# Tuning 2011: Vorschau auf das PCGH-Extreme-Sonderheft 02/2011 - Preisvorteile für Abonnenten



## PCGH-Redaktion (9. Mai 2011)

*Tuning 2011: Vorschau auf das PCGH-Extreme-Sonderheft 02/2011 - Preisvorteile für Abonnenten*

Jetzt ist Ihre Meinung zu Tuning 2011: Vorschau auf das PCGH-Extreme-Sonderheft 02/2011 - Preisvorteile für Abonnenten gefragt. 

Bitte beachten Sie: Der Kommentarbereich wird gemäß der  Forenregeln moderiert. Allgemeine Fragen und Kritik zu Online-Artikeln von PC Games Hardware sind im Feedback-Unterforum zu veröffentlichen und nicht im Kommentarthread zu einer News. Dort werden sie ohne Nachfragen entfernt.




			Dieser Inhalt steht nur eingeloggten Mitgliedern zur Verfügung.
        

 Zurück zum Artikel: Tuning 2011: Vorschau auf das PCGH-Extreme-Sonderheft 02/2011 - Preisvorteile für Abonnenten


----------



## ile (10. Mai 2011)

*Tuning 2011: Vorschau auf das PCGH-Extreme-Sonderheft 02/2011 - Preisvorteile für Abonnenten*

Wie viel % sind neue Artikel?


----------



## Acid (10. Mai 2011)

*AW: Tuning 2011: Vorschau auf das PCGH-Extreme-Sonderheft 02/2011 - Preisvorteile für Abonnenten*

Kaufen Kaufen Kaufen!!!!


----------



## PCGH_Thilo (10. Mai 2011)

*AW: Tuning 2011: Vorschau auf das PCGH-Extreme-Sonderheft 02/2011 - Preisvorteile für Abonnenten*



ile schrieb:


> Wie viel % sind neue Artikel?


 
Dieses Mal > 75 Prozent komplett neu


----------



## PCGH_Chris (10. Mai 2011)

*AW: Tuning 2011: Vorschau auf das PCGH-Extreme-Sonderheft 02/2011 - Preisvorteile für Abonnenten*

Es ist ein Sonderheft in der Tradition des alten Extreme-Heftes und hat daher eine Menge neuer und höchst lesenswerter Community-Beiträge.

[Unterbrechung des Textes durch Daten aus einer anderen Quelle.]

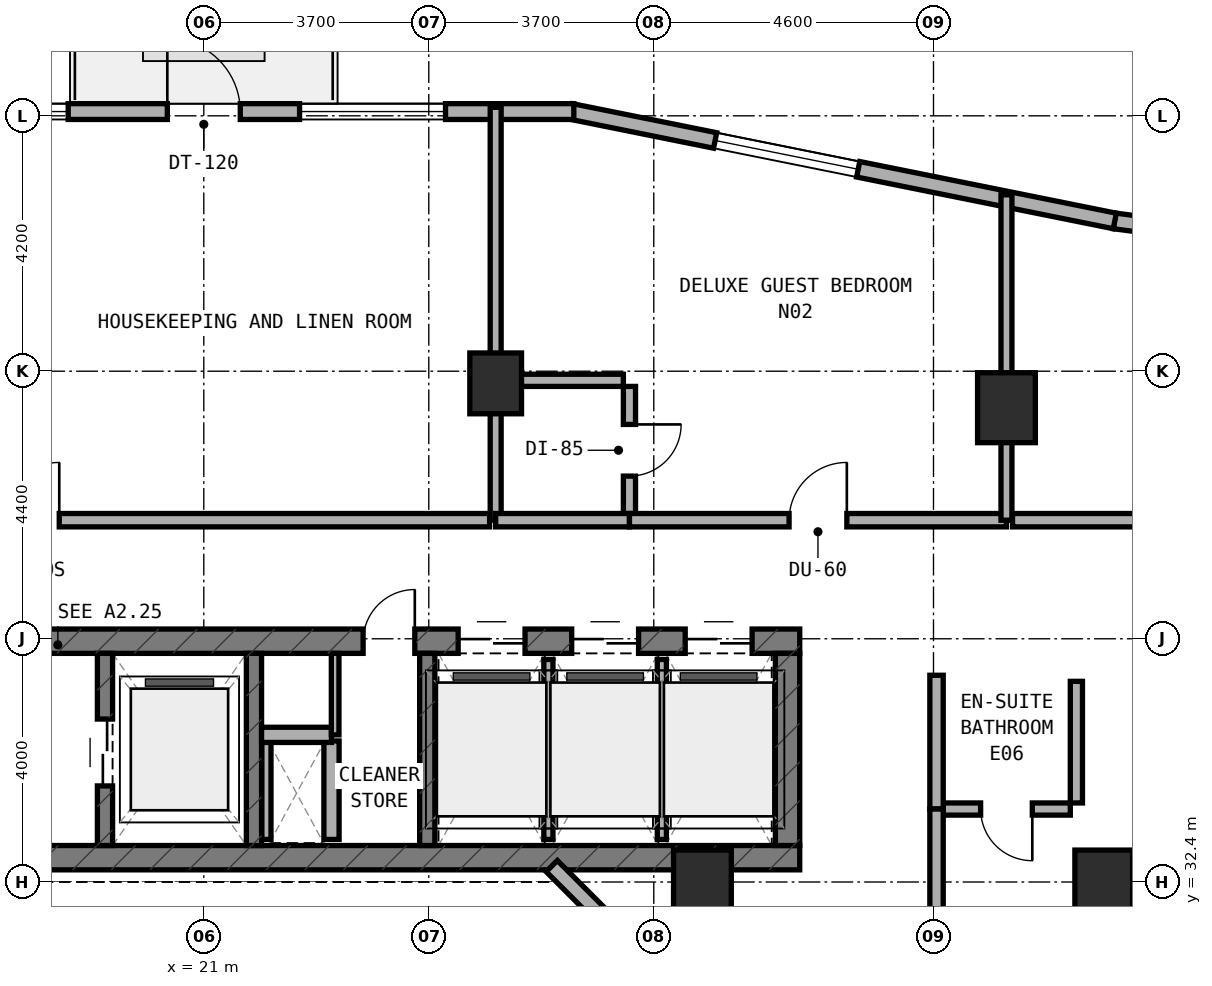
"""IFC4 building model, lengths in metres.
Left out: names, types, materials, properties, quantities, classifications, styles, units other than length and angle.
Written with IfcOpenShell. Run it as: python <this file> out.ifc"""

import sys

from ifc_helpers import new_model, si_unit, direction, frame, frame_2d, origin, origin_2d, place, context, subcontext, project, spatial, rectangle, extrude, element, fill, save


model = new_model("IFC4")
c1 = context("Model", 3, precision=1e-05, world=origin(), true_north=direction((0.0, 1.0)))
c2 = subcontext(c1, "Body", "Model", "MODEL_VIEW")
j1 = project(units=[si_unit("LENGTHUNIT", "METRE"), si_unit("PLANEANGLEUNIT", "RADIAN")], contexts=[c1])
p1 = place(None, origin())
s1 = spatial("IfcSite", under=j1, at=p1, CompositionType="ELEMENT")
p2 = place(p1, origin())
s2 = spatial("IfcBuilding", under=s1, at=p2, CompositionType="ELEMENT")
p3 = place(p2, frame((0.0, 0.0, 112.5)))
s3 = spatial("IfcBuildingStorey", under=s2, at=p3, CompositionType="ELEMENT", Elevation=112.5)
p4 = place(p3, frame((6.4, 32.8, 0.0), z_axis=(0.0, 0.0, 1.0), x_axis=(1.0, 0.0, 0.0)))
e1 = element("IfcWall", 1, at=p4, inside=s3, PredefinedType="SHEAR", context=c2, shape_type="SweptSolid", body=[
    extrude(rectangle(XDim=24.4, YDim=0.4, at=frame_2d((12.2, 0.0))), origin(), (0.0, 0.0, 1.0), 3.5),
])
p5 = place(p4, frame((6.05, 0.0, 0.0)))
e2 = element("IfcOpeningElement", 2, at=p5, cuts=e1, PredefinedType="OPENING", context=c2, shape_type="SweptSolid", body=[
    extrude(rectangle(XDim=1.1, YDim=2.15, at=frame_2d((0.55, 1.075))), frame((0.0, 0.21, 0.0), z_axis=(0.0, -1.0, 0.0), x_axis=(1.0, 0.0, 0.0)), (0.0, 0.0, 1.0), 0.42),
])
p6 = place(p3, frame((6.4, 36.36, 0.0), z_axis=(0.0, 0.0, 1.0), x_axis=(1.0, 0.0, 0.0)))
e3 = element("IfcWall", 3, at=p6, inside=s3, PredefinedType="SHEAR", context=c2, shape_type="SweptSolid", body=[
    extrude(rectangle(XDim=24.4, YDim=0.4, at=frame_2d((12.2, 0.0))), origin(), (0.0, 0.0, 1.0), 3.5),
])
p7 = place(p6, frame((9.15, 0.0, 0.0)))
e4 = element("IfcOpeningElement", 4, at=p7, cuts=e3, PredefinedType="OPENING", context=c2, shape_type="SweptSolid", body=[
    extrude(rectangle(XDim=1.2, YDim=2.15, at=frame_2d((0.6, 1.075))), frame((0.0, 0.21, 0.0), z_axis=(0.0, -1.0, 0.0), x_axis=(1.0, 0.0, 0.0)), (0.0, 0.0, 1.0), 0.42),
])
p8 = place(p6, frame((17.22, 0.0, 0.0)))
e5 = element("IfcOpeningElement", 5, at=p8, cuts=e3, PredefinedType="OPENING", context=c2, shape_type="SweptSolid", body=[
    extrude(rectangle(XDim=0.85, YDim=2.1, at=frame_2d((0.425, 1.05))), frame((0.0, 0.21, 0.0), z_axis=(0.0, -1.0, 0.0), x_axis=(1.0, 0.0, 0.0)), (0.0, 0.0, 1.0), 0.42),
])
p9 = place(p6, frame((18.783, 0.0, 0.0)))
e6 = element("IfcOpeningElement", 6, at=p9, cuts=e3, PredefinedType="OPENING", context=c2, shape_type="SweptSolid", body=[
    extrude(rectangle(XDim=1.1, YDim=2.15, at=frame_2d((0.55, 1.075))), frame((0.0, 0.21, 0.0), z_axis=(0.0, -1.0, 0.0), x_axis=(1.0, 0.0, 0.0)), (0.0, 0.0, 1.0), 0.42),
])
p10 = place(p6, frame((20.65, 0.0, 0.0)))
e7 = element("IfcOpeningElement", 7, at=p10, cuts=e3, PredefinedType="OPENING", context=c2, shape_type="SweptSolid", body=[
    extrude(rectangle(XDim=1.1, YDim=2.15, at=frame_2d((0.55, 1.075))), frame((0.0, 0.21, 0.0), z_axis=(0.0, -1.0, 0.0), x_axis=(1.0, 0.0, 0.0)), (0.0, 0.0, 1.0), 0.42),
])
p11 = place(p6, frame((22.517, 0.0, 0.0)))
e8 = element("IfcOpeningElement", 8, at=p11, cuts=e3, PredefinedType="OPENING", context=c2, shape_type="SweptSolid", body=[
    extrude(rectangle(XDim=1.1, YDim=2.15, at=frame_2d((0.55, 1.075))), frame((0.0, 0.21, 0.0), z_axis=(0.0, -1.0, 0.0), x_axis=(1.0, 0.0, 0.0)), (0.0, 0.0, 1.0), 0.42),
])
p12 = place(p3, frame((30.6, 33.0, 0.0), z_axis=(0.0, 0.0, 1.0), x_axis=(0.0, 1.0, 0.0)))
e9 = element("IfcWall", 9, at=p12, inside=s3, PredefinedType="SHEAR", context=c2, shape_type="SweptSolid", body=[
    extrude(rectangle(XDim=3.16, YDim=0.4, at=frame_2d((1.58, 0.0))), origin(), (0.0, 0.0, 1.0), 3.5),
])
p13 = place(p3, frame((19.375, 33.0, 0.0), z_axis=(0.0, 0.0, 1.0), x_axis=(0.0, 1.0, 0.0)))
e10 = element("IfcWall", 10, at=p13, inside=s3, PredefinedType="STANDARD", context=c2, shape_type="SweptSolid", body=[
    extrude(rectangle(XDim=3.16, YDim=0.25, at=frame_2d((1.58, 0.0))), origin(), (0.0, 0.0, 1.0), 3.22),
])
p14 = place(p13, frame((0.98, 0.0, 0.0)))
e11 = element("IfcOpeningElement", 11, at=p14, cuts=e10, PredefinedType="OPENING", context=c2, shape_type="SweptSolid", body=[
    extrude(rectangle(XDim=1.1, YDim=2.15, at=frame_2d((0.55, 1.075))), frame((0.0, 0.135, 0.0), z_axis=(0.0, -1.0, 0.0), x_axis=(1.0, 0.0, 0.0)), (0.0, 0.0, 1.0), 0.27),
])
for number, where, z_axis, x_axis in (
    (12, (21.825, 33.0, 0.0), (0.0, 0.0, 1.0), (0.0, 1.0, 0.0)),
    (13, (24.675, 33.0, 0.0), (0.0, 0.0, 1.0), (0.0, 1.0, 0.0)),
):
    element("IfcWall", number, at=place(p3, frame(where, z_axis=z_axis, x_axis=x_axis)), inside=s3, PredefinedType="STANDARD", context=c2, shape_type="SweptSolid", body=[
        extrude(rectangle(XDim=3.16, YDim=0.25, at=frame_2d((1.58, 0.0))), origin(), (0.0, 0.0, 1.0), 3.22),
    ])
p15 = place(p3, frame((25.8, 40.6, 0.0), z_axis=(0.0, 0.0, 1.0), x_axis=(1.0, 0.0, 0.0)))
e14 = element("IfcColumn", 14, at=p15, inside=s3, PredefinedType="COLUMN", context=c2, shape_type="SweptSolid", body=[
    extrude(rectangle(XDim=0.85, YDim=1.0, at=origin_2d()), origin(), (0.0, 0.0, 1.0), 3.5),
])
for number, where, z_axis, x_axis in (
    (15, (34.2, 40.2, 0.0), (0.0, 0.0, 1.0), (1.0, 0.0, 0.0)),
    (16, (35.8, 32.35, 0.0), (0.0, 0.0, 1.0), (1.0, 0.0, 0.0)),
    (17, (29.2, 32.35, 0.0), (0.0, 0.0, 1.0), (1.0, 0.0, 0.0)),
):
    element("IfcColumn", number, at=place(p3, frame(where, z_axis=z_axis, x_axis=x_axis)), inside=s3, PredefinedType="COLUMN", context=c2, shape_type="SweptSolid", body=[
        extrude(rectangle(XDim=0.95, YDim=1.15, at=origin_2d()), origin(), (0.0, 0.0, 1.0), 3.5),
    ])
p16 = place(p3, frame((36.888, 43.152, 0.0), z_axis=(0.0, 0.0, 1.0), x_axis=(-0.991487658083, 0.130200706103, 0.0)))
e18 = element("IfcWall", 18, at=p16, inside=s3, PredefinedType="STANDARD", context=c2, shape_type="SweptSolid", body=[
    extrude(rectangle(XDim=0.921, YDim=0.26, at=frame_2d((0.46, 0.0))), origin(), (0.0, 0.0, 1.0), 3.22),
])
p17 = place(p3, frame((35.982, 43.271, 0.0), z_axis=(0.0, 0.0, 1.0), x_axis=(-0.980317172899, 0.197429077186, 0.0)))
e19 = element("IfcWall", 19, at=p17, inside=s3, PredefinedType="STANDARD", context=c2, shape_type="SweptSolid", body=[
    extrude(rectangle(XDim=9.117, YDim=0.26, at=frame_2d((4.559, 0.0))), origin(), (0.0, 0.0, 1.0), 3.22),
])
p18 = place(p17, frame((4.305, 0.0, 0.8)))
e20 = element("IfcOpeningElement", 20, at=p18, cuts=e19, PredefinedType="OPENING", context=c2, shape_type="SweptSolid", body=[
    extrude(rectangle(XDim=2.4, YDim=1.6, at=frame_2d((1.2, 0.8))), frame((0.0, 0.14, 0.0), z_axis=(0.0, -1.0, 0.0), x_axis=(1.0, 0.0, 0.0)), (0.0, 0.0, 1.0), 0.28),
])
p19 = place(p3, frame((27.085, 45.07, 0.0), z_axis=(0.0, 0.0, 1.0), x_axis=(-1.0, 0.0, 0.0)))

Nur einzelne Artikel wurden zur thematischen Ergänzung übernommen, unter anderem aus Premium-Beilagen (die dürften also auch noch nicht jedem bekannt sein)


----------



## $.Crackpipeboy.$ (10. Mai 2011)

*AW: Tuning 2011: Vorschau auf das PCGH-Extreme-Sonderheft 02/2011 - Preisvorteile für Abonnenten*

Na das Heft scheint sich ja zu lohnen.


----------



## jobo (10. Mai 2011)

*AW: Tuning 2011: Vorschau auf das PCGH-Extreme-Sonderheft 02/2011 - Preisvorteile für Abonnenten*

Toll!Pflichtauf! Danke für diese genialen Hefte!


----------



## Jack ONeill (11. Mai 2011)

*AW: Tuning 2011: Vorschau auf das PCGH-Extreme-Sonderheft 02/2011 - Preisvorteile für Abonnenten*



PCGH_Thilo schrieb:


> Dieses Mal > 75 Prozent komplett neu


 

Klingt doch gut und wird sofort gekauft


----------



## der8auer (12. Mai 2011)

*AW: Tuning 2011: Vorschau auf das PCGH-Extreme-Sonderheft 02/2011 - Preisvorteile für Abonnenten*

Gerade vorbestellt


----------



## PCGH_Thilo (12. Mai 2011)

*AW: Tuning 2011: Vorschau auf das PCGH-Extreme-Sonderheft 02/2011 - Preisvorteile für Abonnenten*

Gestern ging der Spaß zur Druckerei


----------



## exa (12. Mai 2011)

*AW: Tuning 2011: Vorschau auf das PCGH-Extreme-Sonderheft 02/2011 - Preisvorteile für Abonnenten*

das erste mal, dass ich das Gefühl hab PCGHX ist wieder da!!!! F*** Yeah


----------



## Mhytriel (13. Mai 2011)

*AW: Tuning 2011: Vorschau auf das PCGH-Extreme-Sonderheft 02/2011 - Preisvorteile für Abonnenten*

Wenn ich das Miniabo nehme (also 3+1), schließe ich dann automatisch ein "Endlosabo" nach den 3 Monaten ab? Oder ist nach 3 Monaten schluss?


----------



## PCGH_Carsten (13. Mai 2011)

*AW: Tuning 2011: Vorschau auf das PCGH-Extreme-Sonderheft 02/2011 - Preisvorteile für Abonnenten*

Nach einem Klick auf den angegebenen Link zum Mini-Abo erweitert sich auf wundersame Art die Menge der Information. 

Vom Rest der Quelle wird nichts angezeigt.